Products and equipment used

Uber microfiber towels
Chemical guy's woolly mammoth drying towel
3m yellow pads 150mm 75 mm
3m Green pads 15mm 75mm
140 mm Glazing pads
Halogen site lights
Makita rotary polisher
DA Polisher
Scholl s17+
Scholl s3 gold
Prima Amigo
Swissvax Best Of Show
Carpro eraser
3m masking tape
Meguiars APC
Costco microfibre towels
Meguiars hyper dressing
Valet pro citrus bling 
Bilt Hamber AutoWheels
Valet Pro PH neutral Snowfoam
Valet pro tyre dressing
AMDetails AMbubbles
Bilt Hamber clay bar
Autosmart Tardis
Various brushes
Kranzle pressure washer
Carpro Sheepskin wash mitt
Carpro Dlux
Noodle wash mitt
Carpro Lambs wool wash mitt
Poorboys microfibre clothes
Uber buffing clothes	
Autobrite Snow foam gun
Chemical guys Jetseal 109
Autobrite Repel
Auto Finesse Mecury Metal Polish
00 grade wire wool

Some photos of the car before I start





































The car was then given its first coat of snow foam whilst this was dwelling I went round the car using APC in a foaming head bottle cleaning the fuel filler area and various gaps and grills.
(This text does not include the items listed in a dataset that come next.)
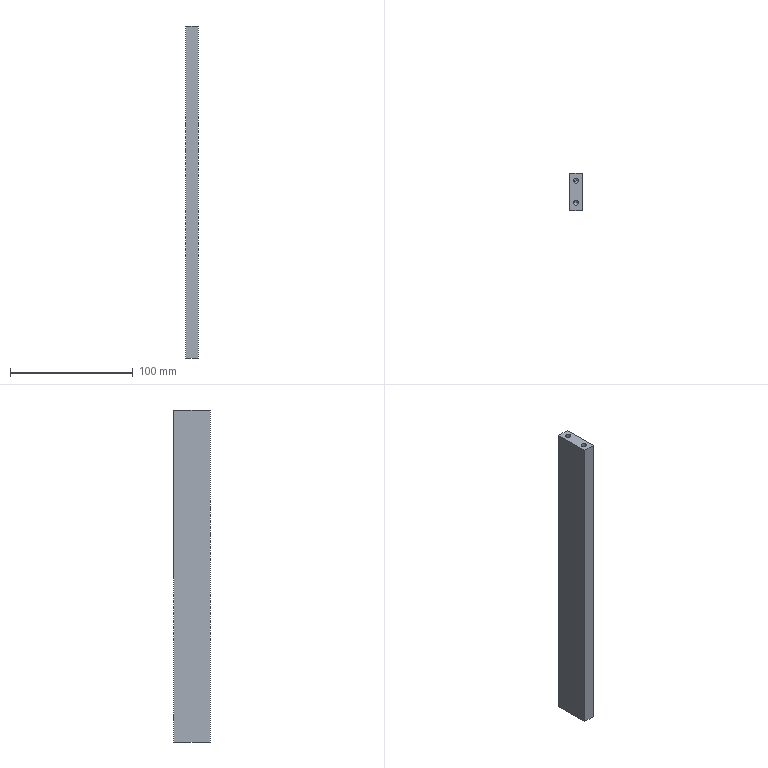Component | SolidWorks | LD101-02--Q1033-Q1-2-1 | 1 solid | 34 faces | box 10 x 30 x 270 mm | volume 79735 mm3 | cylinder 14 | cone 14 | plane 6 | commonest cylinder face diameters 4.2 x8 3.3 x6 | material AL6061
build123d program:
from build123d import *

# Parameters (mm, degrees)
SKETCH1_W                  = 270
SKETCH1_H                  = 30
BOSS_EXTRUDE1_DEPTH        = 5
M5_TAPPED_HOLE1_AT_2_COUNT = 2
M5_TAPPED_HOLE1_AT_2_PITCH = 18
M4_TAPPED_HOLE2_D          = 3.3
M4_TAPPED_HOLE2_DEPTH      = 13.5
M4_TAPPED_HOLE2_TIP        = 0.9914


with BuildPart() as part:
    # Sketch1 → Boss-Extrude1 (new, symmetric)
    with BuildSketch(Plane.XY):
        Rectangle(SKETCH1_W, SKETCH1_H)
    extrude(amount=BOSS_EXTRUDE1_DEPTH, both=True)

    # Sketch2 → M5 Tapped Hole1 (revolve, cut)
    with BuildSketch(Plane(origin=(135, -9, 0), x_dir=(0, 0, -1), z_dir=(0, 1, 0))):
        Polygon((0, 0), (0, 17.262), (2.1, 16), (2.1, 0), align=None)
    m5_tapped_hole1 = revolve(axis=Axis((141.35, -9, 0), (-1, 0, 0)), mode=Mode.SUBTRACT)

    # M5 Tapped Hole1 at 2: M5 Tapped Hole1 ×2
    with Locations(*[(0, i * M5_TAPPED_HOLE1_AT_2_PITCH, 0) for i in range(1, M5_TAPPED_HOLE1_AT_2_COUNT)]):
        add(m5_tapped_hole1, mode=Mode.SUBTRACT)

    # Mirror1: M5 Tapped Hole1 across plane
    add(m5_tapped_hole1.mirror(Plane(origin=(0, 0, 0), x_dir=(0, 0, 1), z_dir=(1, 0, 0))), mode=Mode.SUBTRACT)

    # Mirror1 copy 1 sketch → Mirror1 copy 1 (revolve, cut)
    with BuildSketch(Plane(origin=(-135, 9, 0), x_dir=(0, 0, -1), z_dir=(0, 1, 0))):
        Polygon((0, 0), (0, -17.262), (2.1, -16), (2.1, 0), align=None)
    revolve(axis=Axis((-141.35, 9, 0), (-1, 0, 0)), mode=Mode.SUBTRACT)

    # M4 Tapped Hole2
    with Locations(Plane(origin=(0, 15, 0), x_dir=(1, 0, 0), z_dir=(0, 1, 0))):
        with Locations((-115, 0), (115, 0), (0, 0)):
            Hole(M4_TAPPED_HOLE2_D / 2, depth=M4_TAPPED_HOLE2_DEPTH)
            with Locations((0, 0, -(M4_TAPPED_HOLE2_DEPTH + M4_TAPPED_HOLE2_TIP / 2))):  # 118° drill point
                Cone(0, M4_TAPPED_HOLE2_D / 2, M4_TAPPED_HOLE2_TIP, mode=Mode.SUBTRACT)


solid = part.part

# Placed as in the assembly
solid = solid.moved(Location((-345.29, -171.897, 146.257), (0, 90, 0)))
STEP:
#1=COLOUR_RGB('',0.7922,0.8196,0.9333);
#2=FILL_AREA_STYLE_COLOUR('',#1);
#3=FILL_AREA_STYLE('',(#2));
#4=SURFACE_STYLE_FILL_AREA(#3);
#5=SURFACE_SIDE_STYLE('',(#4));
#6=SURFACE_STYLE_USAGE(.BOTH.,#5);
#7=PRESENTATION_STYLE_ASSIGNMENT((#6));
#8=CARTESIAN_POINT('',(-13.529,-6.709,1.231));
#9=VERTEX_POINT('',#8);
#10=CARTESIAN_POINT('',(-13.659,-6.709,1.231));
#11=VERTEX_POINT('',#10);
#12=CARTESIAN_POINT('',(-13.594,-6.709,1.231));
#13=DIRECTION('',(0.,1.,0.));
#14=DIRECTION('',(-1.,0.,0.));
#15=AXIS2_PLACEMENT_3D('',#12,#13,#14);
#16=CIRCLE('',#15,0.06496);
#17=EDGE_CURVE('',#9,#11,#16,.T.);
#18=ORIENTED_EDGE('',*,*,#17,.F.);
#19=CARTESIAN_POINT('',(-13.529,-6.177,1.231));
#20=VERTEX_POINT('',#19);
#21=CARTESIAN_POINT('',(-13.529,-6.177,1.231));
#22=DIRECTION('',(0.,1.,0.));
#23=VECTOR('',#22,39.37);
#24=LINE('',#21,#23);
#25=EDGE_CURVE('',#9,#20,#24,.T.);
#26=ORIENTED_EDGE('',*,*,#25,.T.);
#27=CARTESIAN_POINT('',(-13.659,-6.177,1.231));
#28=VERTEX_POINT('',#27);
#29=CARTESIAN_POINT('',(-13.594,-6.177,1.231));
#30=DIRECTION('',(0.,1.,0.));
#31=DIRECTION('',(-1.,0.,0.));
#32=AXIS2_PLACEMENT_3D('',#29,#30,#31);
#33=CIRCLE('',#32,0.06496);
#34=EDGE_CURVE('',#20,#28,#33,.T.);
#35=ORIENTED_EDGE('',*,*,#34,.T.);
#36=CARTESIAN_POINT('',(-13.659,-6.177,1.231));
#37=DIRECTION('',(0.,1.,0.));
#38=VECTOR('',#37,39.37);
#39=LINE('',#36,#38);
#40=EDGE_CURVE('',#11,#28,#39,.T.);
#41=ORIENTED_EDGE('',*,*,#40,.F.);
#42=EDGE_LOOP('',(#18,#26,#35,#41));
#43=FACE_OUTER_BOUND('',#42,.T.);
#44=CARTESIAN_POINT('',(-13.594,-6.177,1.231));
#45=DIRECTION('',(0.,1.,0.));
#46=DIRECTION('',(-1.,0.,0.));
#47=AXIS2_PLACEMENT_3D('',#44,#45,#46);
#48=CYLINDRICAL_SURFACE('',#47,0.06496);
#49=ADVANCED_FACE('',(#43),#48,.F.);
#50=CARTESIAN_POINT('',(-13.594,-6.748,1.231));
#51=VERTEX_POINT('',#50);
#52=CARTESIAN_POINT('',(-13.659,-6.709,1.231));
#53=DIRECTION('',(-0.8572,0.515,0.));
#54=VECTOR('',#53,39.37);
#55=LINE('',#52,#54);
#56=EDGE_CURVE('',#51,#11,#55,.T.);
#57=ORIENTED_EDGE('',*,*,#56,.F.);
#58=CARTESIAN_POINT('',(-13.529,-6.709,1.231));
#59=DIRECTION('',(0.8572,0.515,0.));
#60=VECTOR('',#59,39.37);
#61=LINE('',#58,#60);
#62=EDGE_CURVE('',#51,#9,#61,.T.);
#63=ORIENTED_EDGE('',*,*,#62,.T.);
#64=ORIENTED_EDGE('',*,*,#17,.T.);
#65=EDGE_LOOP('',(#57,#63,#64));
#66=FACE_OUTER_BOUND('',#65,.T.);
#67=CARTESIAN_POINT('',(-13.594,-6.709,1.231));
#68=DIRECTION('',(0.,1.,0.));
#69=DIRECTION('',(-1.,0.,0.));
#70=AXIS2_PLACEMENT_3D('',#67,#68,#69);
#71=CONICAL_SURFACE('',#70,0.06496,1.03);
#72=ADVANCED_FACE('',(#66),#71,.F.);
#73=CARTESIAN_POINT('',(-13.529,-6.709,10.286));
#74=VERTEX_POINT('',#73);
#75=CARTESIAN_POINT('',(-13.659,-6.709,10.286));
#76=VERTEX_POINT('',#75);
#77=CARTESIAN_POINT('',(-13.594,-6.709,10.286));
#78=DIRECTION('',(0.,1.,0.));
#79=DIRECTION('',(-1.,0.,0.));
#80=AXIS2_PLACEMENT_3D('',#77,#78,#79);
#81=CIRCLE('',#80,0.06496);
#82=EDGE_CURVE('',#74,#76,#81,.T.);
#83=ORIENTED_EDGE('',*,*,#82,.F.);
#84=CARTESIAN_POINT('',(-13.529,-6.177,10.286));
#85=VERTEX_POINT('',#84);
#86=CARTESIAN_POINT('',(-13.529,-6.177,10.286));
#87=DIRECTION('',(0.,1.,0.));
#88=VECTOR('',#87,39.37);
#89=LINE('',#86,#88);
#90=EDGE_CURVE('',#74,#85,#89,.T.);
#91=ORIENTED_EDGE('',*,*,#90,.T.);
#92=CARTESIAN_POINT('',(-13.659,-6.177,10.286));
#93=VERTEX_POINT('',#92);
#94=CARTESIAN_POINT('',(-13.594,-6.177,10.286));
#95=DIRECTION('',(0.,1.,0.));
#96=DIRECTION('',(-1.,0.,0.));
#97=AXIS2_PLACEMENT_3D('',#94,#95,#96);
#98=CIRCLE('',#97,0.06496);
#99=EDGE_CURVE('',#85,#93,#98,.T.);
#100=ORIENTED_EDGE('',*,*,#99,.T.);
#101=CARTESIAN_POINT('',(-13.659,-6.177,10.286));
#102=DIRECTION('',(0.,1.,0.));
#103=VECTOR('',#102,39.37);
#104=LINE('',#101,#103);
#105=EDGE_CURVE('',#76,#93,#104,.T.);
#106=ORIENTED_EDGE('',*,*,#105,.F.);
#107=EDGE_LOOP('',(#83,#91,#100,#106));
#108=FACE_OUTER_BOUND('',#107,.T.);
#109=CARTESIAN_POINT('',(-13.594,-6.177,10.286));
#110=DIRECTION('',(0.,1.,0.));
#111=DIRECTION('',(-1.,0.,0.));
#112=AXIS2_PLACEMENT_3D('',#109,#110,#111);
#113=CYLINDRICAL_SURFACE('',#112,0.06496);
#114=ADVANCED_FACE('',(#108),#113,.F.);
#115=CARTESIAN_POINT('',(-13.594,-6.748,10.286));
#116=VERTEX_POINT('',#115);
#117=CARTESIAN_POINT('',(-13.659,-6.709,10.286));
#118=DIRECTION('',(-0.8572,0.515,0.));
#119=VECTOR('',#118,39.37);
#120=LINE('',#117,#119);
#121=EDGE_CURVE('',#116,#76,#120,.T.);
#122=ORIENTED_EDGE('',*,*,#121,.F.);
#123=CARTESIAN_POINT('',(-13.529,-6.709,10.286));
#124=DIRECTION('',(0.8572,0.515,0.));
#125=VECTOR('',#124,39.37);
#126=LINE('',#123,#125);
#127=EDGE_CURVE('',#116,#74,#126,.T.);
#128=ORIENTED_EDGE('',*,*,#127,.T.);
#129=ORIENTED_EDGE('',*,*,#82,.T.);
#130=EDGE_LOOP('',(#122,#128,#129));
#131=FACE_OUTER_BOUND('',#130,.T.);
#132=CARTESIAN_POINT('',(-13.594,-6.709,10.286));
#133=DIRECTION('',(0.,1.,0.));
#134=DIRECTION('',(-1.,0.,0.));
#135=AXIS2_PLACEMENT_3D('',#132,#133,#134);
#136=CONICAL_SURFACE('',#135,0.06496,1.03);
#137=ADVANCED_FACE('',(#131),#136,.F.);
#138=CARTESIAN_POINT('',(-13.529,-6.709,5.758));
#139=VERTEX_POINT('',#138);
#140=CARTESIAN_POINT('',(-13.659,-6.709,5.758));
#141=VERTEX_POINT('',#140);
#142=CARTESIAN_POINT('',(-13.594,-6.709,5.758));
#143=DIRECTION('',(0.,1.,0.));
#144=DIRECTION('',(-1.,0.,0.));
#145=AXIS2_PLACEMENT_3D('',#142,#143,#144);
#146=CIRCLE('',#145,0.06496);
#147=EDGE_CURVE('',#139,#141,#146,.T.);
#148=ORIENTED_EDGE('',*,*,#147,.F.);
#149=CARTESIAN_POINT('',(-13.529,-6.177,5.758));
#150=VERTEX_POINT('',#149);
#151=CARTESIAN_POINT('',(-13.529,-6.177,5.758));
#152=DIRECTION('',(0.,1.,0.));
#153=VECTOR('',#152,39.37);
#154=LINE('',#151,#153);
#155=EDGE_CURVE('',#139,#150,#154,.T.);
#156=ORIENTED_EDGE('',*,*,#155,.T.);
#157=CARTESIAN_POINT('',(-13.659,-6.177,5.758));
#158=VERTEX_POINT('',#157);
#159=CARTESIAN_POINT('',(-13.594,-6.177,5.758));
#160=DIRECTION('',(0.,1.,0.));
#161=DIRECTION('',(-1.,0.,0.));
#162=AXIS2_PLACEMENT_3D('',#159,#160,#161);
#163=CIRCLE('',#162,0.06496);
#164=EDGE_CURVE('',#150,#158,#163,.T.);
#165=ORIENTED_EDGE('',*,*,#164,.T.);
#166=CARTESIAN_POINT('',(-13.659,-6.177,5.758));
#167=DIRECTION('',(0.,1.,0.));
#168=VECTOR('',#167,39.37);
#169=LINE('',#166,#168);
#170=EDGE_CURVE('',#141,#158,#169,.T.);
#171=ORIENTED_EDGE('',*,*,#170,.F.);
#172=EDGE_LOOP('',(#148,#156,#165,#171));
#173=FACE_OUTER_BOUND('',#172,.T.);
#174=CARTESIAN_POINT('',(-13.594,-6.177,5.758));
#175=DIRECTION('',(0.,1.,0.));
#176=DIRECTION('',(-1.,0.,0.));
#177=AXIS2_PLACEMENT_3D('',#174,#175,#176);
#178=CYLINDRICAL_SURFACE('',#177,0.06496);
#179=ADVANCED_FACE('',(#173),#178,.F.);
#180=CARTESIAN_POINT('',(-13.594,-6.748,5.758));
#181=VERTEX_POINT('',#180);
#182=CARTESIAN_POINT('',(-13.659,-6.709,5.758));
#183=DIRECTION('',(-0.8572,0.515,0.));
#184=VECTOR('',#183,39.37);
#185=LINE('',#182,#184);
#186=EDGE_CURVE('',#181,#141,#185,.T.);
#187=ORIENTED_EDGE('',*,*,#186,.F.);
#188=CARTESIAN_POINT('',(-13.529,-6.709,5.758));
#189=DIRECTION('',(0.8572,0.515,0.));
#190=VECTOR('',#189,39.37);
#191=LINE('',#188,#190);
#192=EDGE_CURVE('',#181,#139,#191,.T.);
#193=ORIENTED_EDGE('',*,*,#192,.T.);
#194=ORIENTED_EDGE('',*,*,#147,.T.);
#195=EDGE_LOOP('',(#187,#193,#194));
#196=FACE_OUTER_BOUND('',#195,.T.);
#197=CARTESIAN_POINT('',(-13.594,-6.709,5.758));
#198=DIRECTION('',(0.,1.,0.));
#199=DIRECTION('',(-1.,0.,0.));
#200=AXIS2_PLACEMENT_3D('',#197,#198,#199);
#201=CONICAL_SURFACE('',#200,0.06496,1.03);
#202=ADVANCED_FACE('',(#196),#201,.F.);
#203=CARTESIAN_POINT('',(-13.511,-7.122,1.073));
#204=VERTEX_POINT('',#203);
#205=CARTESIAN_POINT('',(-13.677,-7.122,1.073));
#206=VERTEX_POINT('',#205);
#207=CARTESIAN_POINT('',(-13.594,-7.122,1.073));
#208=DIRECTION('',(-0.,0.,-1.));
#209=DIRECTION('',(-1.,0.,0.));
#210=AXIS2_PLACEMENT_3D('',#207,#208,#209);
#211=CIRCLE('',#210,0.08268);
#212=EDGE_CURVE('',#204,#206,#211,.T.);
#213=ORIENTED_EDGE('',*,*,#212,.F.);
#214=CARTESIAN_POINT('',(-13.511,-7.122,0.4432));
#215=VERTEX_POINT('',#214);
#216=CARTESIAN_POINT('',(-13.511,-7.122,0.4432));
#217=DIRECTION('',(-0.,0.,-1.));
#218=VECTOR('',#217,39.37);
#219=LINE('',#216,#218);
#220=EDGE_CURVE('',#204,#215,#219,.T.);
#221=ORIENTED_EDGE('',*,*,#220,.T.);
#222=CARTESIAN_POINT('',(-13.677,-7.122,0.4432));
#223=VERTEX_POINT('',#222);
#224=CARTESIAN_POINT('',(-13.594,-7.122,0.4432));
#225=DIRECTION('',(-0.,0.,-1.));
#226=DIRECTION('',(-1.,0.,0.));
#227=AXIS2_PLACEMENT_3D('',#224,#225,#226);
#228=CIRCLE('',#227,0.08268);
#229=EDGE_CURVE('',#215,#223,#228,.T.);
#230=ORIENTED_EDGE('',*,*,#229,.T.);
#231=CARTESIAN_POINT('',(-13.677,-7.122,0.4432));
#232=DIRECTION('',(-0.,0.,-1.));
#233=VECTOR('',#232,39.37);
#234=LINE('',#231,#233);
#235=EDGE_CURVE('',#206,#223,#234,.T.);
#236=ORIENTED_EDGE('',*,*,#235,.F.);
#237=EDGE_LOOP('',(#213,#221,#230,#236));
#238=FACE_OUTER_BOUND('',#237,.T.);
#239=CARTESIAN_POINT('',(-13.594,-7.122,0.4432));
#240=DIRECTION('',(-0.,0.,-1.));
#241=DIRECTION('',(-1.,0.,0.));
#242=AXIS2_PLACEMENT_3D('',#239,#240,#241);
#243=CYLINDRICAL_SURFACE('',#242,0.08268);
#244=ADVANCED_FACE('',(#238),#243,.F.);
#245=CARTESIAN_POINT('',(-13.594,-7.122,1.123));
#246=VERTEX_POINT('',#245);
#247=CARTESIAN_POINT('',(-13.677,-7.122,1.073));
#248=DIRECTION('',(-0.8572,0.,-0.515));
#249=VECTOR('',#248,39.37);
#250=LINE('',#247,#249);
#251=EDGE_CURVE('',#246,#206,#250,.T.);
#252=ORIENTED_EDGE('',*,*,#251,.F.);
#253=CARTESIAN_POINT('',(-13.511,-7.122,1.073));
#254=DIRECTION('',(0.8572,0.,-0.515));
#255=VECTOR('',#254,39.37);
#256=LINE('',#253,#255);
#257=EDGE_CURVE('',#246,#204,#256,.T.);
#258=ORIENTED_EDGE('',*,*,#257,.T.);
#259=ORIENTED_EDGE('',*,*,#212,.T.);
#260=EDGE_LOOP('',(#252,#258,#259));
#261=FACE_OUTER_BOUND('',#260,.T.);
#262=CARTESIAN_POINT('',(-13.594,-7.122,1.073));
#263=DIRECTION('',(-0.,0.,-1.));
#264=DIRECTION('',(-1.,0.,0.));
#265=AXIS2_PLACEMENT_3D('',#262,#263,#264);
#266=CONICAL_SURFACE('',#265,0.08268,1.03);
#267=ADVANCED_FACE('',(#261),#266,.F.);
#268=CARTESIAN_POINT('',(-13.511,-6.413,1.073));
#269=VERTEX_POINT('',#268);
#270=CARTESIAN_POINT('',(-13.677,-6.413,1.073));
#271=VERTEX_POINT('',#270);
#272=CARTESIAN_POINT('',(-13.594,-6.413,1.073));
#273=DIRECTION('',(-0.,0.,-1.));
#274=DIRECTION('',(-1.,0.,0.));
#275=AXIS2_PLACEMENT_3D('',#272,#273,#274);
#276=CIRCLE('',#275,0.08268);
#277=EDGE_CURVE('',#269,#271,#276,.T.);
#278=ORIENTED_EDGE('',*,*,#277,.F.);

The snowfoam was then blasted off with the pressure washer, and then the car was given another coat of the same mix snowfoam and the car was washed using the 2 bucket method with grit guards in both buckets and a Carpro lambswool wash mitt. 
The car was then rinsed off using an open ended hose and I then went round the car with Tardis which was left to go to work before being wiped down with microfibre clothes. The car was then given a coat of Ironx again left to do its stuff before the car was washed doing using the pressure washer. 
The car was clayed using citrus bling and water mix (10 to 1) and a Bilt hamber soft clay bar which helped to pull more contaminates from the paint work it was then rewashed using the same method and dried using the woolly mammoth. 
The arches where next and they where sprayed with APC and cleaned using various brushes and a noodle wash mitt. They where then sprayed with Tardis which was left do its stuff whilst I moved onto the next arch before going back and being wiped down with a microfibre cloth. The engine bay was sprayed with APC and left do dwell before being given a tickle with a soft detailing brush before being rinsed with the pressure washer and dressed with Megs Hyper dressing.




































































































A few shots using my site lights I then taped the car up and went round with various yellow 3m pads and Scholl s17+ polish some panels required the use of S3 Gold on green 3m pads after polishing each panel was given a wipe down with carpro eraser after polishing to check finish and remove any polishing oils.
I then went round the car and applied a coat of Prima Amigo using the DA and the lake county pad which was left before being buffed using Uber buffing towels.







































































































































































































The car was given 2 coats of the Swissvax Best Of Show wax leaving wax to bond for 30min and approx 60min between each coat again buffed using Uber buffing towels.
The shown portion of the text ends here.